Since she's just 4, to be honest, I would go with whatever TEACHER you think does the best job of instilling a love of sport/dance, a healthy body image, and connects the best with your child.

For us, that means dance, even though we have to travel about 20 minutes away (even though there are probably 10 other dance studios within 5-15 minutes). But her teacher is gentle (but is able to kindly but firmly keep control of the classroom), supportive, really knows my DD (she's had her 2 years running now, and assuming she stays at the studio with is very likely she'll get to have DD at least 3 more years). She's an excellent role model, obviously loves dance AND encouraging both skills and love of dance in young children, ect.

Also, honestly, dance was less than half the price of any of the local gymnastics programs, so I was able to enroll her in dance AND she got to pick a music class. She gets to take a gymnastic camp for a week during the summer, and her older cousin teaches her 'tricks', and she seems happy with that.

I can deal with the slightly silly recitals, seeing how DD is blossoming with the relationship with her teacher.

So honestly, all things being equal, I'd go with the teacher that your child most connects with.


----------



## AdInAZ (Jun 20, 2007)

Quote:


Originally Posted by *Tigerchild* 
Also, honestly, dance was less than half the price of any of the local gymnastics programs, so I was able to enroll her in dance AND she got to pick a music class.

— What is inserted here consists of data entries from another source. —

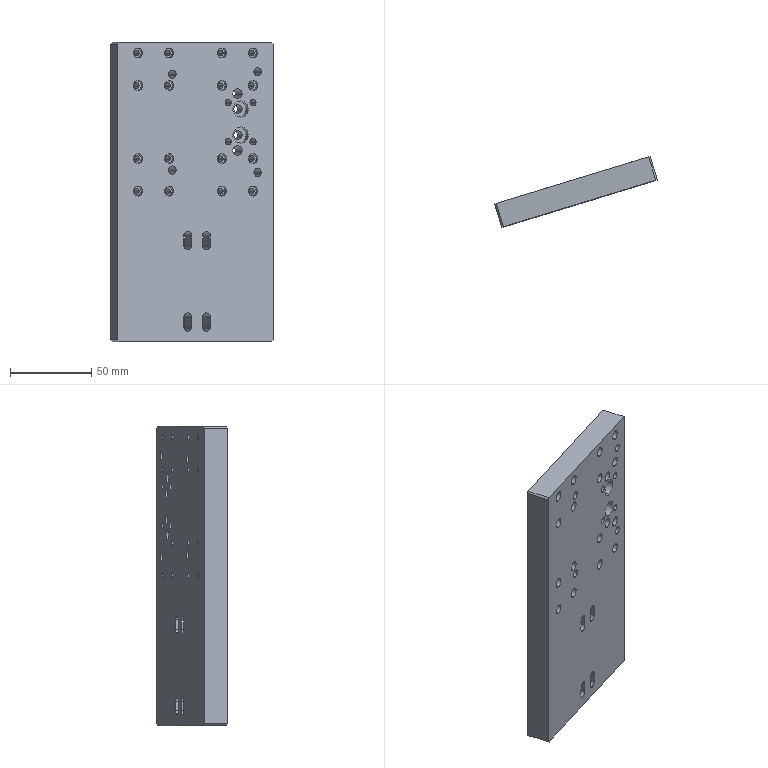Component | SolidWorks | V1ZHXTRotatingSlideRailFixingPlateSB1-1 | 1 solid | 140 faces | box 100.02 x 43.53 x 184 mm | volume 265384 mm3 | cylinder 104 | plane 36 | commonest cylinder face diameters 6 x36 3.5 x32 5.2 x12 5 x8 4 x8 10 x4 5.3 x4
build123d program:
from build123d import *

# Parameters (mm, degrees)
SKETCH1_W                                           = 100
SKETCH1_H                                           = 270
BOSS_EXTRUDE1_DEPTH                                 = 15
CYLINDRICAL_COUNTERSUNK_HOLE_FOR_M3_HEX_D           = 3.5
CYLINDRICAL_COUNTERSUNK_HOLE_FOR_M3_HEX_CBORE_D     = 6
CYLINDRICAL_COUNTERSUNK_HOLE_FOR_M3_HEX_CBORE_DEPTH = 3.5
MIRROR2_COPY_1_D                                    = 3.5
MIRROR2_COPY_1_CBORE_D                              = 6
MIRROR2_COPY_1_CBORE_DEPTH                          = 3.5
SKETCH8_R                                           = 3
CUT_EXTRUDE3_DEPTH                                  = 145.741
M6_TAPPED_HOLE1_D                                   = 5
CUT_EXTRUDE4_DEPTH                                  = 145.741
HOLE_SIZE_FOR_HEX_SOCKET_HEAD_CAP_SCRE_D            = 5.3
HOLE_SIZE_FOR_HEX_SOCKET_HEAD_CAP_SCRE_CBORE_D      = 10
HOLE_SIZE_FOR_HEX_SOCKET_HEAD_CAP_SCRE_CBORE_DEPTH  = 5.7
SKETCH18_R                                          = 2
CUT_EXTRUDE5_DEPTH                                  = 35
SKETCH19_W                                          = 100
SKETCH19_H                                          = 86
CUT_EXTRUDE6_DEPTH                                  = 145.741
M6_TAPPED_HOLE2_D                                   = 5
LPATTERN1_COUNT                                     = 2
LPATTERN1_PITCH                                     = 12
CHAMFER1_SIZE                                       = 1


with BuildPart() as part:
    # Sketch1 → Boss-Extrude1 (new body)
    with BuildSketch(Plane(origin=(0, 0, 0), x_dir=(1, 0, 0), z_dir=(0, 1, 0))):
        Rectangle(SKETCH1_W, SKETCH1_H)
    extrude(amount=BOSS_EXTRUDE1_DEPTH)

    # Cylindrical Countersunk Hole for M3 Hex (through all)
    with Locations(Plane(origin=(0, 15, 0), x_dir=(1, 0, 0), z_dir=(0, 1, 0))):
        with Locations((17, 42.5), (37, 42.5), (37, 22.5), (17, 22.5)):
            cylindrical_countersunk_hole_for_m3_hex = CounterBoreHole(CYLINDRICAL_COUNTERSUNK_HOLE_FOR_M3_HEX_D / 2, CYLINDRICAL_COUNTERSUNK_HOLE_FOR_M3_HEX_CBORE_D / 2, CYLINDRICAL_COUNTERSUNK_HOLE_FOR_M3_HEX_CBORE_DEPTH)

    # Mirror1: Cylindrical Countersunk Hole for M3 Hex across plane
    add(cylindrical_countersunk_hole_for_m3_hex.mirror(Plane.XY), mode=Mode.SUBTRACT)

    # Mirror2: Cylindrical Countersunk Hole for M3 Hex across plane
    add(cylindrical_countersunk_hole_for_m3_hex.mirror(Plane(origin=(0, 0, 0), x_dir=(0, 0, 1), z_dir=(1, 0, 0))), mode=Mode.SUBTRACT)

    # Mirror2 copy 1 (through all)
    with Locations(Plane(origin=(0, 15, 0), x_dir=(-1, 0, 0), z_dir=(0, 1, 0))):
        with Locations((17, 42.5), (37, 42.5), (37, 22.5), (17, 22.5)):
            CounterBoreHole(MIRROR2_COPY_1_D / 2, MIRROR2_COPY_1_CBORE_D / 2, MIRROR2_COPY_1_CBORE_DEPTH)

    # Sketch8 → Cut-Extrude3 (cut, through all)
    with BuildSketch(Plane(origin=(0, 15, 0), x_dir=(1, 0, 0), z_dir=(0, 1, 0))):
        with Locations(Location((27, 17.5, 0), (0, 0, 270))):
            Circle(SKETCH8_R)
        with Locations(Location((27, -17.5, 0), (0, 0, 270))):
            Circle(SKETCH8_R)
    extrude(amount=-CUT_EXTRUDE3_DEPTH, mode=Mode.SUBTRACT)

    # M6 Tapped Hole1 (through all)
    with Locations(Plane(origin=(0, 15, 0), x_dir=(1, 0, 0), z_dir=(0, 1, 0))):
        with Locations((40, 31), (40, -31)):
            Hole(M6_TAPPED_HOLE1_D / 2)

    # Sketch11 → Cut-Extrude4 (cut, through all)
    with BuildSketch(Plane(origin=(0, 15, 0), x_dir=(1, 0, 0), z_dir=(0, 1, 0))):
        with BuildLine():
            Line((9.6, -70), (9.6, -76))
            ThreePointArc((9.6, -76), (7, -78.6), (4.4, -76))
            Line((4.4, -76), (4.4, -70))
            ThreePointArc((4.4, -70), (7, -67.4), (9.6, -70))
        make_face()
        with BuildLine():
            Line((9.6, -120), (9.6, -126))
            ThreePointArc((9.6, -126), (7, -128.6), (4.4, -126))
            Line((4.4, -126), (4.4, -120))
            ThreePointArc((4.4, -120), (7, -117.4), (9.6, -120))
        make_face()
    cut_extrude4 = extrude(amount=-CUT_EXTRUDE4_DEPTH, mode=Mode.SUBTRACT)

    # Hole Size _for_ Hex Socket Head Cap Scre (through all)
    with Locations(Plane(origin=(0, 15, 0), x_dir=(1, 0, 0), z_dir=(0, 1, 0))):
        with Locations((29, 8), (29, -8)):
            CounterBoreHole(HOLE_SIZE_FOR_HEX_SOCKET_HEAD_CAP_SCRE_D / 2, HOLE_SIZE_FOR_HEX_SOCKET_HEAD_CAP_SCRE_CBORE_D / 2, HOLE_SIZE_FOR_HEX_SOCKET_HEAD_CAP_SCRE_CBORE_DEPTH)

    # Sketch18 → Cut-Extrude5 (cut)
    with BuildSketch(Plane(origin=(0, 15, 0), x_dir=(1, 0, 0), z_dir=(0, 1, 0))):
        with Locations(Location((21, 12, 0), (0, 0, 270))):
            Circle(SKETCH18_R)
        with Locations(Location((37, 12, 0), (0, 0, 270))):
            Circle(SKETCH18_R)
        with Locations(Location((37, -12, 0), (0, 0, 90))):
            Circle(SKETCH18_R)
        with Locations(Location((21, -12, 0), (0, 0, 90))):
            Circle(SKETCH18_R)
    extrude(amount=-CUT_EXTRUDE5_DEPTH, mode=Mode.SUBTRACT)

    # Sketch19 → Cut-Extrude6 (cut, through all)
    with BuildSketch(Plane.XZ):
        with Locations((0, -92)):
            Rectangle(SKETCH19_W, SKETCH19_H)
    extrude(amount=-CUT_EXTRUDE6_DEPTH, mode=Mode.SUBTRACT)

    # M6 Tapped Hole2 (through all)
    with Locations(Plane(origin=(0, 15, 0), x_dir=(1, 0, 0), z_dir=(0, 1, 0))):
        with Locations((-15, 29.5), (-15, -29.5)):
            Hole(M6_TAPPED_HOLE2_D / 2)

    # LPattern1: Cut-Extrude4 ×2
    with Locations(*[(-i * LPATTERN1_PITCH, 0, 0) for i in range(1, LPATTERN1_COUNT)]):
        add(cut_extrude4, mode=Mode.SUBTRACT)

    # Chamfer1
    chamfer1_edges = [part.edges().sort_by_distance(p)[0] for p in [
        (50, 7.5, -49),
        (-50, 7.5, -49),
        (50, 7.5, 135),
        (-50, 7.5, 135),
    ]]
    chamfer(chamfer1_edges, length=CHAMFER1_SIZE)


solid = part.part

# Placed as in the assembly
solid = solid.moved(Location((163.536, -178.819, 375.239), (-180, 0, -16.968)))

Finally someone else said it! We do dance because its cheaper than gymnastics! I also don't like comeptition at this young age.


----------



## mommajb (Mar 4, 2005)

We have tried both and decided to put our money into gymnastics. I see benefits to both programs but locally we get better instruction at gymnastics. That said once my oldest daughter got a taste of competitive gymnastics she decided it wasn't for her and we decided it wasn't for our family due to time and money considerations. All the same, my younger daughters (and son) will take recreational classes and when the coach tries to move them to the team we will probably move on. (I feel somewhat like a second class citizen in our gym when taking rec classes after being invited to join the team.)

Dance is cheaper (here) but is not as professionally run and it is a case of getting what you pay for (in my experience).


----------



## amcal (Jan 13, 2003)

Quote:


Originally Posted by *mommajb* 
We have tried both and decided to put our money into gymnastics. I see benefits to both programs but locally we get better instruction at gymnastics. That said once my oldest daughter got a taste of competitive gymnastics she decided it wasn't for her and we decided it wasn't for our family due to time and money considerations. All the same, my younger daughters (and son) will take recreational classes and when the coach tries to move them to the team we will probably move on. (I feel somewhat like a second class citizen in our gym when taking rec classes after being invited to join the team.)


This is our situation exactly! We're working on finding a new gym because you're right, after you've been on the team, you're just treated differently if you decide to go to recreation. Our gym is in the business of churning out elite athletes. Their rec program is nothing more than a money maker. They're not really interested in developing gymnasts who love the sport and want to grow in the sport but don't want to compete or train excessively.


----------



## nextcommercial (Nov 8, 2005)

My daughter did both for a while. It was obvious from the begining that she wasn't going to have the body of a gymnast. She's more long and leggy.

Within a year of doing both, she preferred dance.

I had her in the tumbling class as well as ballet and tap when she was little. But, eventually, she outgrew the tumbling and just stuck with dance.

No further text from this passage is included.